Georg Bauhaus <bauhaus@futureapps.de> writes:

| Gabriel Dos Reis wrote:
| > Robert Dewar <dewar@adacore.com> writes:
| > | Gabriel Dos Reis wrote:
| > | | But the whole idea of hardware semantics is bogus, since you are
| > | assuming some connection between C and the hardware which does not
| > | exist. C is not an assembly language.
| > If you live in a different world, you may not see the connection.
| 
| I'm not sure whether this isn't just C's self-fulfilling
| prophecy at work: Many C programmers think that C is a high level

self-fulfilling prophecy or not, would you deny that processor
specific ABIs are published and programmers expect compilers to follow
them?  GCC itself relies on such connection.

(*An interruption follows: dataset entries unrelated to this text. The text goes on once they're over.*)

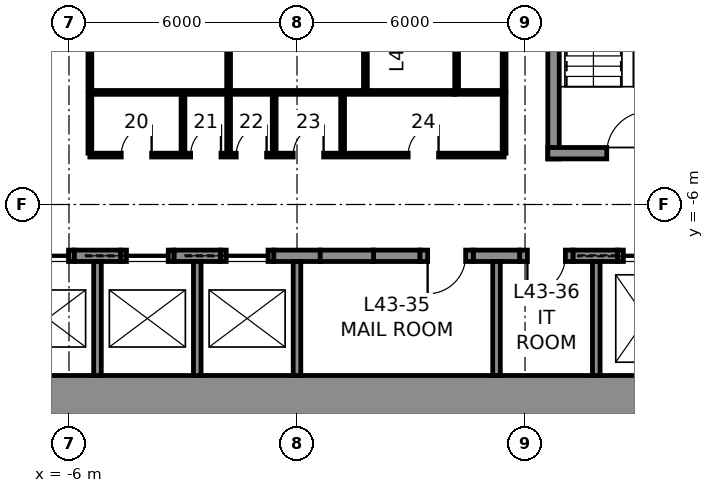
"""IFC4 building model, lengths in metres.
Left out: names, types, materials, properties, quantities, classifications, styles, units other than length and angle.
Written with IfcOpenShell. Run it as: python <this file> out.ifc"""

import sys

from ifc_helpers import new_model, si_unit, direction, frame, frame_2d, origin, place, context, subcontext, project, spatial, rectangle, extrude, element, fill, save


model = new_model("IFC4")
c1 = context("Model", 3, precision=1e-05, world=origin(), true_north=direction((0.0, 1.0)))
c2 = subcontext(c1, "Body", "Model", "MODEL_VIEW")
j1 = project(units=[si_unit("LENGTHUNIT", "METRE"), si_unit("PLANEANGLEUNIT", "RADIAN")], contexts=[c1])
p1 = place(None, origin())
s1 = spatial("IfcSite", under=j1, at=p1, CompositionType="ELEMENT")
p2 = place(p1, origin())
s2 = spatial("IfcBuilding", under=s1, at=p2, CompositionType="ELEMENT")
p3 = place(p2, frame((0.0, 0.0, 201.8)))
s3 = spatial("IfcBuildingStorey", under=s2, at=p3, CompositionType="ELEMENT", Elevation=201.8)
p4 = place(p3, frame((12.0, -11.25, 0.0), z_axis=(0.0, 0.0, 1.0), x_axis=(-1.0, 0.0, 0.0)))
e1 = element("IfcWall", 1, at=p4, inside=s3, PredefinedType="SHEAR", context=c2, shape_type="SweptSolid", body=[
    extrude(rectangle(XDim=24.0, YDim=1.5, at=frame_2d((12.0, 0.0))), origin(), (0.0, 0.0, 1.0), 4.0),
])
for number, where, z_axis, x_axis in (
    (2, (-5.863, -7.35, 0.0), (0.0, 0.0, 1.0), (1.0, 0.0, 0.0)),
    (3, (-3.238, -7.35, 0.0), (0.0, 0.0, 1.0), (1.0, 0.0, 0.0)),
    (4, (-0.613, -7.35, 0.0), (0.0, 0.0, 1.0), (1.0, 0.0, 0.0)),
    (5, (2.012, -7.35, 0.0), (0.0, 0.0, 1.0), (1.0, 0.0, 0.0)),
    (6, (4.637, -7.35, 0.0), (0.0, 0.0, 1.0), (1.0, 0.0, 0.0)),
):
    element("IfcWall", number, at=place(p3, frame(where, z_axis=z_axis, x_axis=x_axis)), inside=s3, PredefinedType="SHEAR", context=c2, shape_type="SweptSolid", body=[
        extrude(rectangle(XDim=1.225, YDim=0.3, at=frame_2d((0.613, 0.0))), origin(), (0.0, 0.0, 1.0), 4.0),
    ])
p5 = place(p3, frame((7.262, -7.35, 0.0), z_axis=(0.0, 0.0, 1.0), x_axis=(1.0, 0.0, 0.0)))
e7 = element("IfcWall", 7, at=p5, inside=s3, PredefinedType="SHEAR", context=c2, shape_type="SweptSolid", body=[
    extrude(rectangle(XDim=1.175, YDim=0.3, at=frame_2d((0.587, 0.0))), origin(), (0.0, 0.0, 1.0), 4.0),
])
p6 = place(p3, frame((-7.262, -7.35, 0.0), z_axis=(0.0, 0.0, 1.0), x_axis=(1.0, 0.0, 0.0)))
e8 = element("IfcWall", 8, at=p6, inside=s3, PredefinedType="PARTITIONING", context=c2, shape_type="SweptSolid", body=[
    extrude(rectangle(XDim=1.4, YDim=0.3, at=frame_2d((0.7, 0.0))), origin(), (0.0, 0.0, 1.0), 4.0),
])
p7 = place(p6, frame((0.15, 0.0, 0.0)))
e9 = element("IfcOpeningElement", 9, at=p7, cuts=e8, PredefinedType="OPENING", context=c2, shape_type="SweptSolid", body=[
    extrude(rectangle(XDim=1.1, YDim=2.3, at=frame_2d((0.55, 1.15))), frame((0.0, 0.16, 0.0), z_axis=(0.0, -1.0, 0.0), x_axis=(1.0, 0.0, 0.0)), (0.0, 0.0, 1.0), 0.32),
])
p8 = place(p3, frame((-4.637, -7.35, 0.0), z_axis=(0.0, 0.0, 1.0), x_axis=(1.0, 0.0, 0.0)))
e10 = element("IfcWall", 10, at=p8, inside=s3, PredefinedType="PARTITIONING", context=c2, shape_type="SweptSolid", body=[
    extrude(rectangle(XDim=1.4, YDim=0.3, at=frame_2d((0.7, 0.0))), origin(), (0.0, 0.0, 1.0), 4.0),
])
p9 = place(p8, frame((0.15, 0.0, 0.0)))
e11 = element("IfcOpeningElement", 11, at=p9, cuts=e10, PredefinedType="OPENING", context=c2, shape_type="SweptSolid", body=[
    extrude(rectangle(XDim=1.1, YDim=2.3, at=frame_2d((0.55, 1.15))), frame((0.0, 0.16, 0.0), z_axis=(0.0, -1.0, 0.0), x_axis=(1.0, 0.0, 0.0)), (0.0, 0.0, 1.0), 0.32),
])
p10 = place(p3, frame((-2.012, -7.35, 0.0), z_axis=(0.0, 0.0, 1.0), x_axis=(1.0, 0.0, 0.0)))
e12 = element("IfcWall", 12, at=p10, inside=s3, PredefinedType="PARTITIONING", context=c2, shape_type="SweptSolid", body=[
    extrude(rectangle(XDim=1.4, YDim=0.3, at=frame_2d((0.7, 0.0))), origin(), (0.0, 0.0, 1.0), 4.0),
])
p11 = place(p10, frame((0.15, 0.0, 0.0)))
e13 = element("IfcOpeningElement", 13, at=p11, cuts=e12, PredefinedType="OPENING", context=c2, shape_type="SweptSolid", body=[
    extrude(rectangle(XDim=1.1, YDim=2.3, at=frame_2d((0.55, 1.15))), frame((0.0, 0.16, 0.0), z_axis=(0.0, -1.0, 0.0), x_axis=(1.0, 0.0, 0.0)), (0.0, 0.0, 1.0), 0.32),
])
p12 = place(p3, frame((0.613, -7.35, 0.0), z_axis=(0.0, 0.0, 1.0), x_axis=(1.0, 0.0, 0.0)))
e14 = element("IfcWall", 14, at=p12, inside=s3, PredefinedType="PARTITIONING", context=c2, shape_type="SweptSolid", body=[
    extrude(rectangle(XDim=1.4, YDim=0.3, at=frame_2d((0.7, 0.0))), origin(), (0.0, 0.0, 1.0), 4.0),
])
p13 = place(p3, frame((3.238, -7.35, 0.0), z_axis=(0.0, 0.0, 1.0), x_axis=(1.0, 0.0, 0.0)))
e15 = element("IfcWall", 15, at=p13, inside=s3, PredefinedType="PARTITIONING", context=c2, shape_type="SweptSolid", body=[
    extrude(rectangle(XDim=1.4, YDim=0.3, at=frame_2d((0.7, 0.0))), origin(), (0.0, 0.0, 1.0), 4.0),
])
p14 = place(p13, frame((0.2, 0.0, 0.0)))
e16 = element("IfcOpeningElement", 16, at=p14, cuts=e15, PredefinedType="OPENING", context=c2, shape_type="SweptSolid", body=[
    extrude(rectangle(XDim=1.0, YDim=2.3, at=frame_2d((0.5, 1.15))), frame((0.0, 0.16, 0.0), z_axis=(0.0, -1.0, 0.0), x_axis=(1.0, 0.0, 0.0)), (0.0, 0.0, 1.0), 0.32),
])
p15 = place(p3, frame((5.863, -7.35, 0.0), z_axis=(0.0, 0.0, 1.0), x_axis=(1.0, 0.0, 0.0)))
e17 = element("IfcWall", 17, at=p15, inside=s3, PredefinedType="PARTITIONING", context=c2, shape_type="SweptSolid", body=[
    extrude(rectangle(XDim=1.4, YDim=0.3, at=frame_2d((0.7, 0.0))), origin(), (0.0, 0.0, 1.0), 4.0),
])
p16 = place(p15, frame((0.2, 0.0, 0.0)))
e18 = element("IfcOpeningElement", 18, at=p16, cuts=e17, PredefinedType="OPENING", context=c2, shape_type="SweptSolid", body=[
    extrude(rectangle(XDim=1.0, YDim=2.3, at=frame_2d((0.5, 1.15))), frame((0.0, 0.16, 0.0), z_axis=(0.0, -1.0, 0.0), x_axis=(1.0, 0.0, 0.0)), (0.0, 0.0, 1.0), 0.32),
])
p17 = place(p3, frame((8.438, -7.35, 0.0), z_axis=(0.0, 0.0, 1.0), x_axis=(1.0, 0.0, 0.0)))
e19 = element("IfcWall", 19, at=p17, inside=s3, PredefinedType="PARTITIONING", context=c2, shape_type="SweptSolid", body=[
    extrude(rectangle(XDim=1.5, YDim=0.3, at=frame_2d((0.75, 0.0))), origin(), (0.0, 0.0, 1.0), 4.0),
])
p18 = place(p17, frame((0.15, 0.0, 0.0)))
e20 = element("IfcOpeningElement", 20, at=p18, cuts=e19, PredefinedType="OPENING", context=c2, shape_type="SweptSolid", body=[
    extrude(rectangle(XDim=1.2, YDim=2.3, at=frame_2d((0.6, 1.15))), frame((0.0, 0.16, 0.0), z_axis=(0.0, -1.0, 0.0), x_axis=(1.0, 0.0, 0.0)), (0.0, 0.0, 1.0), 0.32),
])
for number, where, z_axis, x_axis in (
    (21, (-5.25, -10.5, 0.0), (0.0, 0.0, 1.0), (0.0, 1.0, 0.0)),
    (22, (-2.625, -10.5, 0.0), (0.0, 0.0, 1.0), (0.0, 1.0, 0.0)),
    (23, (0.0, -10.5, 0.0), (0.0, 0.0, 1.0), (0.0, 1.0, 0.0)),
    (24, (5.25, -10.5, 0.0), (0.0, 0.0, 1.0), (0.0, 1.0, 0.0)),
    (25, (7.875, -10.5, 0.0), (0.0, 0.0, 1.0), (0.0, 1.0, 0.0)),
):
    element("IfcWall", number, at=place(p3, frame(where, z_axis=z_axis, x_axis=x_axis)), inside=s3, PredefinedType="PARTITIONING", context=c2, shape_type="SweptSolid", body=[
        extrude(rectangle(XDim=3.0, YDim=0.2, at=frame_2d((1.5, 0.0))), origin(), (0.0, 0.0, 1.0), 4.0),
    ])
p19 = place(p3, frame((6.75, -4.8, 0.0), z_axis=(0.0, 0.0, 1.0), x_axis=(0.0, 1.0, 0.0)))
e26 = element("IfcWall", 26, at=p19, inside=s3, PredefinedType="SOLIDWALL", context=c2, shape_type="SweptSolid", body=[
    extrude(rectangle(XDim=9.6, YDim=0.3, at=frame_2d((4.8, 0.0))), origin(), (0.0, 0.0, 1.0), 3.75),
])
p20 = place(p3, frame((10.5, -4.65, 0.0), z_axis=(0.0, 0.0, 1.0), x_axis=(-1.0, 0.0, 0.0)))
e27 = element("IfcWall", 27, at=p20, inside=s3, PredefinedType="SOLIDWALL", context=c2, shape_type="SweptSolid", body=[
    extrude(rectangle(XDim=3.9, YDim=0.3, at=frame_2d((1.95, 0.0))), origin(), (0.0, 0.0, 1.0), 3.75),
])
p21 = place(p20, frame((1.25, 0.0, 0.0)))
e28 = element("IfcOpeningElement", 28, at=p21, cuts=e27, PredefinedType="OPENING", context=c2, shape_type="SweptSolid", body=[
    extrude(rectangle(XDim=1.1, YDim=2.3, at=frame_2d((0.55, 1.15))), frame((0.0, 0.16, 0.0), z_axis=(0.0, -1.0, 0.0), x_axis=(1.0, 0.0, 0.0)), (0.0, 0.0, 1.0), 0.32),
])
p22 = place(p3, frame((4.15, -3.05, 0.0), z_axis=(0.0, 0.0, 1.0), x_axis=(-1.0, 0.0, 0.0)))
e29 = element("IfcWall", 29, at=p22, inside=s3, PredefinedType="PARTITIONING", context=c2, shape_type="SweptSolid", body=[
    extrude(rectangle(XDim=9.6, YDim=0.1, at=frame_2d((4.8, 0.0))), origin(), (0.0, 0.0, 1.0), 3.75),
])
p23 = place(p3, frame((5.45, -3.05, 0.0), z_axis=(0.0, 0.0, 1.0), x_axis=(-1.0, 0.0, 0.0)))
e30 = element("IfcWall", 30, at=p23, inside=s3, PredefinedType="PARTITIONING", context=c2, shape_type="SweptSolid", body=[
    extrude(rectangle(XDim=1.3, YDim=0.1, at=frame_2d((0.65, 0.0))), origin(), (0.0, 0.0, 1.0), 3.75),
])
for number, where, z_axis, x_axis in (
    (31, (5.45, 3.0, 0.0), (0.0, 0.0, 1.0), (0.0, -1.0, 0.0)),
    (32, (-5.45, -3.0, 0.0), (0.0, 0.0, 1.0), (0.0, 1.0, 0.0)),
    (33, (-1.8, -3.0, 0.0), (0.0, 0.0, 1.0), (0.0, 1.0, 0.0)),
    (34, (1.8, -3.0, 0.0), (0.0, 0.0, 1.0), (0.0, 1.0, 0.0)),
    (35, (4.2, -3.0, 0.0), (0.0, 0.0, 1.0), (0.0, 1.0, 0.0)),
):
    element("IfcWall", number, at=place(p3, frame(where, z_axis=z_axis, x_axis=x_axis)), inside=s3, PredefinedType="PARTITIONING", context=c2, shape_type="SweptSolid", body=[
        extrude(rectangle(XDim=6.0, YDim=0.1, at=frame_2d((3.0, 0.0))), origin(), (0.0, 0.0, 1.0), 3.75),
    ])
p24 = place(p3, frame((5.45, -4.7, 0.0), z_axis=(0.0, 0.0, 1.0), x_axis=(-1.0, 0.0, 0.0)))
e36 = element("IfcWall", 36, at=p24, inside=s3, PredefinedType="PARTITIONING", context=c2, shape_type="SweptSolid", body=[
    extrude(rectangle(XDim=10.9, YDim=0.1, at=frame_2d((5.45, 0.0))), origin(), (0.0, 0.0, 1.0), 3.75),
])
p25 = place(p24, frame((9.275, 0.0, 0.0)))
e37 = element("IfcOpeningElement", 37, at=p25, cuts=e36, PredefinedType="OPENING", context=c2, shape_type="SweptSolid", body=[
    extrude(rectangle(XDim=0.8, YDim=2.3, at=frame_2d((0.4, 1.15))), frame((0.0, 0.06, 0.0), z_axis=(0.0, -1.0, 0.0), x_axis=(1.0, 0.0, 0.0)), (0.0, 0.0, 1.0), 0.12),
])
p26 = place(p24, frame((7.45, 0.0, 0.0)))
e38 = element("IfcOpeningElement", 38, at=p26, cuts=e36, PredefinedType="OPENING", context=c2, shape_type="SweptSolid", body=[
    extrude(rectangle(XDim=0.8, YDim=2.3, at=frame_2d((0.4, 1.15))), frame((0.0, 0.06, 0.0), z_axis=(0.0, -1.0, 0.0), x_axis=(1.0, 0.0, 0.0)), (0.0, 0.0, 1.0), 0.12),
])
p27 = place(p24, frame((6.25, 0.0, 0.0)))
e39 = element("IfcOpeningElement", 39, at=p27, cuts=e36, PredefinedType="OPENING", context=c2, shape_type="SweptSolid", body=[
    extrude(rectangle(XDim=0.8, YDim=2.3, at=frame_2d((0.4, 1.15))), frame((0.0, 0.06, 0.0), z_axis=(0.0, -1.0, 0.0), x_axis=(1.0, 0.0, 0.0)), (0.0, 0.0, 1.0), 0.12),
])
p28 = place(p24, frame((4.75, 0.0, 0.0)))
e40 = element("IfcOpeningElement", 40, at=p28, cuts=e36, PredefinedType="OPENING", context=c2, shape_type="SweptSolid", body=[
    extrude(rectangle(XDim=0.8, YDim=2.3, at=frame_2d((0.4, 1.15))), frame((0.0, 0.06, 0.0), z_axis=(0.0, -1.0, 0.0), x_axis=(1.0, 0.0, 0.0)), (0.0, 0.0, 1.0), 0.12),
])
p29 = place(p24, frame((1.725, 0.0, 0.0)))
e41 = element("IfcOpeningElement", 41, at=p29, cuts=e36, PredefinedType="OPENING", context=c2, shape_type="SweptSolid", body=[
    extrude(rectangle(XDim=0.8, YDim=2.3, at=frame_2d((0.4, 1.15))), frame((0.0, 0.06, 0.0), z_axis=(0.0, -1.0, 0.0), x_axis=(1.0, 0.0, 0.0)), (0.0, 0.0, 1.0), 0.12),
])
for number, where, z_axis, x_axis in (
    (42, (-5.45, -3.1, 0.0), (0.0, 0.0, 1.0), (0.0, -1.0, 0.0)),
    (43, (5.45, -3.1, 0.0), (0.0, 0.0, 1.0), (0.0, -1.0, 0.0)),
    (44, (-3.0, -3.1, 0.0), (0.0, 0.0, 1.0), (0.0, -1.0, 0.0)),
    (45, (-1.8, -3.1, 0.0), (0.0, 0.0, 1.0), (0.0, -1.0, 0.0)),
    (46, (-0.6, -3.1, 0.0), (0.0, 0.0, 1.0), (0.0, -1.0, 0.0)),
    (47, (1.2, -3.1, 0.0), (0.0, 0.0, 1.0), (0.0, -1.0, 0.0)),
):
    element("IfcWall", number, at=place(p3, frame(where, z_axis=z_axis, x_axis=x_axis)), inside=s3, PredefinedType="PARTITIONING", context=c2, shape_type="SweptSolid", body=[
        extrude(rectangle(XDim=1.55, YDim=0.1, at=frame_2d((0.775, 0.0))), origin(), (0.0, 0.0, 1.0), 3.75),
    ])
p30 = place(p21, frame((1.1, 0.0, 0.0), z_axis=(0.0, 0.0, 1.0), x_axis=(-1.0, 0.0, 0.0)))
e48 = element("IfcDoor", 48, at=p30, inside=s3, OperationType="SINGLE_SWING_RIGHT", PredefinedType="DOOR", context=c2, shape_type="SweptSolid", body=[
    extrude(rectangle(XDim=1.1, YDim=2.3, at=frame_2d((0.55, 1.15))), frame((0.0, 0.025, 0.0), z_axis=(0.0, -1.0, 0.0), x_axis=(1.0, 0.0, 0.0)), (0.0, 0.0, 1.0), 0.05),
])
fill(e28, e48)
p31 = place(p25, frame((0.8, 0.0, 0.0), z_axis=(0.0, 0.0, 1.0), x_axis=(-1.0, 0.0, 0.0)))
e49 = element("IfcDoor", 49, at=p31, inside=s3, OperationType="SINGLE_SWING_RIGHT", PredefinedType="DOOR", context=c2, shape_type="SweptSolid", body=[
    extrude(rectangle(XDim=0.8, YDim=2.3, at=frame_2d((0.4, 1.15))), frame((0.0, 0.025, 0.0), z_axis=(0.0, -1.0, 0.0), x_axis=(1.0, 0.0, 0.0)), (0.0, 0.0, 1.0), 0.05),
])
fill(e37, e49)
p32 = place(p26, frame((0.8, 0.0, 0.0), z_axis=(0.0, 0.0, 1.0), x_axis=(-1.0, 0.0, 0.0)))
e50 = element("IfcDoor", 50, at=p32, inside=s3, OperationType="SINGLE_SWING_RIGHT", PredefinedType="DOOR", context=c2, shape_type="SweptSolid", body=[
    extrude(rectangle(XDim=0.8, YDim=2.3, at=frame_2d((0.4, 1.15))), frame((0.0, 0.025, 0.0), z_axis=(0.0, -1.0, 0.0), x_axis=(1.0, 0.0, 0.0)), (0.0, 0.0, 1.0), 0.05),
])
fill(e38, e50)
p33 = place(p27, frame((0.8, 0.0, 0.0), z_axis=(0.0, 0.0, 1.0), x_axis=(-1.0, 0.0, 0.0)))
e51 = element("IfcDoor", 51, at=p33, inside=s3, OperationType="SINGLE_SWING_RIGHT", PredefinedType="DOOR", context=c2, shape_type="SweptSolid", body=[
    extrude(rectangle(XDim=0.8, YDim=2.3, at=frame_2d((0.4, 1.15))), frame((0.0, 0.025, 0.0), z_axis=(0.0, -1.0, 0.0), x_axis=(1.0, 0.0, 0.0)), (0.0, 0.0, 1.0), 0.05),
])
fill(e39, e51)
p34 = place(p28, frame((0.8, 0.0, 0.0), z_axis=(0.0, 0.0, 1.0), x_axis=(-1.0, 0.0, 0.0)))
e52 = element("IfcDoor", 52, at=p34, inside=s3, OperationType="SINGLE_SWING_RIGHT", PredefinedType="DOOR", context=c2, shape_type="SweptSolid", body=[
    extrude(rectangle(XDim=0.8, YDim=2.3, at=frame_2d((0.4, 1.15))), frame((0.0, 0.025, 0.0), z_axis=(0.0, -1.0, 0.0), x_axis=(1.0, 0.0, 0.0)), (0.0, 0.0, 1.0), 0.05),
])
fill(e40, e52)
p35 = place(p29, frame((0.8, 0.0, 0.0), z_axis=(0.0, 0.0, 1.0), x_axis=(-1.0, 0.0, 0.0)))
e53 = element("IfcDoor", 53, at=p35, inside=s3, OperationType="SINGLE_SWING_RIGHT", PredefinedType="DOOR", context=c2, shape_type="SweptSolid", body=[
    extrude(rectangle(XDim=0.8, YDim=2.3, at=frame_2d((0.4, 1.15))), frame((0.0, 0.025, 0.0), z_axis=(0.0, -1.0, 0.0), x_axis=(1.0, 0.0, 0.0)), (0.0, 0.0, 1.0), 0.05),
])
fill(e41, e53)
p36 = place(p14, frame((1.0, 0.0, 0.0), z_axis=(0.0, 0.0, 1.0), x_axis=(-1.0, 0.0, 0.0)))
e54 = element("IfcDoor", 54, at=p36, inside=s3, OperationType="SINGLE_SWING_RIGHT", PredefinedType="DOOR", context=c2, shape_type="SweptSolid", body=[
    extrude(rectangle(XDim=1.0, YDim=2.3, at=frame_2d((0.5, 1.15))), frame((0.0, 0.025, 0.0), z_axis=(0.0, -1.0, 0.0), x_axis=(1.0, 0.0, 0.0)), (0.0, 0.0, 1.0), 0.05),
])
fill(e16, e54)
p37 = place(p16, frame((1.0, 0.0, 0.0), z_axis=(0.0, 0.0, 1.0), x_axis=(-1.0, 0.0, 0.0)))
e55 = element("IfcDoor", 55, at=p37, inside=s3, OperationType="SINGLE_SWING_RIGHT", PredefinedType="DOOR", context=c2, shape_type="SweptSolid", body=[
    extrude(rectangle(XDim=1.0, YDim=2.3, at=frame_2d((0.5, 1.15))), frame((0.0, 0.025, 0.0), z_axis=(0.0, -1.0, 0.0), x_axis=(1.0, 0.0, 0.0)), (0.0, 0.0, 1.0), 0.05),
])
fill(e18, e55)
p38 = place(p18, origin())
e56 = element("IfcDoor", 56, at=p38, inside=s3, OperationType="SLIDING_TO_LEFT", PredefinedType="DOOR", context=c2, shape_type="SweptSolid", body=[
    extrude(rectangle(XDim=1.2, YDim=2.3, at=frame_2d((0.6, 1.15))), frame((0.0, 0.025, 0.0), z_axis=(0.0, -1.0, 0.0), x_axis=(1.0, 0.0, 0.0)), (0.0, 0.0, 1.0), 0.05),
])
fill(e20, e56)
p39 = place(p11, origin())
e57 = element("IfcDoor", 57, at=p39, inside=s3, OperationType="SLIDING_TO_LEFT", PredefinedType="DOOR", context=c2, shape_type="SweptSolid", body=[
    extrude(rectangle(XDim=1.1, YDim=2.3, at=frame_2d((0.55, 1.15))), frame((0.0, 0.025, 0.0), z_axis=(0.0, -1.0, 0.0), x_axis=(1.0, 0.0, 0.0)), (0.0, 0.0, 1.0), 0.05),
])
fill(e13, e57)
p40 = place(p9, origin())
e58 = element("IfcDoor", 58, at=p40, inside=s3, OperationType="SLIDING_TO_LEFT", PredefinedType="DOOR", context=c2, shape_type="SweptSolid", body=[
    extrude(rectangle(XDim=1.1, YDim=2.3, at=frame_2d((0.55, 1.15))), frame((0.0, 0.025, 0.0), z_axis=(0.0, -1.0, 0.0), x_axis=(1.0, 0.0, 0.0)), (0.0, 0.0, 1.0), 0.05),
])
fill(e11, e58)
p41 = place(p7, origin())
e59 = element("IfcDoor", 59, at=p41, inside=s3, OperationType="SLIDING_TO_LEFT", PredefinedType="DOOR", context=c2, shape_type="SweptSolid", body=[
    extrude(rectangle(XDim=1.1, YDim=2.3, at=frame_2d((0.55, 1.15))), frame((0.0, 0.025, 0.0), z_axis=(0.0, -1.0, 0.0), x_axis=(1.0, 0.0, 0.0)), (0.0, 0.0, 1.0), 0.05),
])
fill(e9, e59)
save(model, sys.argv[1])

| assembly language (at least in my real world).
| They start using C as if it were...

Well, I would not say it is something unique to C programmers.
Recently we had a guest working on compiler verification and model
checking, deeply rooted in the ML community explain us the
architecture of their proof checker.  The heart of the proof checker,
the trusted part, is written in C instead of SML.  When the question
was asked as to why -- probably because people were surprised, given their
close tie to SML -- and the answer was simple:  even though it can be
claimed that the C type system is unsound and SML's is sound, C is
trustworthy (and preferred over SML for that curcial part of the proof
checker) because the mapping of the C code to the generated assembly
code is straighforward and amenable to inspection.